Eb/C creates a Cm7, but spelling out the Eb, D and Db is a helpful hint for seeing how you can or perhaps even should look at it. It might also make some players play the chords with a bit more open voicings, not cramming all four notes of the Cm7 together inside one octave, but dropping the C to bass.

You could also take advantage of the chords written as Eb - D - Db by outlining or arpeggiating those triads in your solo?
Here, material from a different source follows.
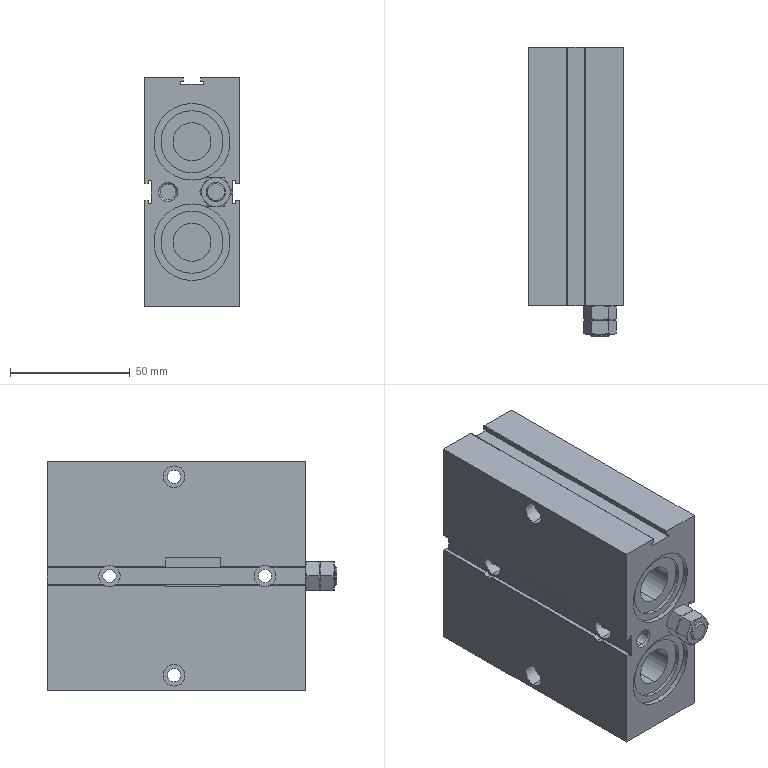Component | SolidWorks | TN32X30S(0)+(CS1-J-1).1-1_TN32-30 - 30_b.1-1 | 1 solid | 235 faces | volume 283820 mm3 | cylinder 112 | plane 91 | cone 32 | commonest cylinder face diameters 0.4 x44 9 x28 32 x12 26 x8 5.5 x8 8.566 x4 16 x4 6.647 x2

Why not even dissect the Cmaj9 as something like Em/C or Em7/C or G6/C? More possibilities for outlining chords as arpeggios.

Chord symbols should be seen as guidelines for accompaniment, not as theoretic harmony specifications for feeding into a musician-guidance autopilot computer that calculates the "correct" scales to use. :)

You can read and write chord symbols in many different ways, like:

  • a pianist can play the thing before the slash with her right hand, and the thing after the slash with her left hand
  • guitarist plays the thing before the slash, bassist plays the thing after the slash
  • that's how the composer or arranger thought of it, separating a bass movement (or pedal tone) from stuff happening higher up

As a player and improviser you're supposed to understand the bigger picture, i.e. what it all sounds like when put together as accompaniment to the melody. Make up your own mind as to where the harmony could lean on at each point, and where it seems like going to. I kind of like the attitude that you shouldn't try to spell everything out and spoon-feed particular exact harmonies to jazz players who are supposed to be able to improvise their own arrangements on the fly. How often is it actually necessary to write a maj9, and a maj7 wouldn't be enough to deliver the essential idea, letting the players add 9ths and whatever seasoning they want? Isn't that like listing each individual note where a guitarist should use vibrato, and if he should pick with an upstroke or downstroke? :)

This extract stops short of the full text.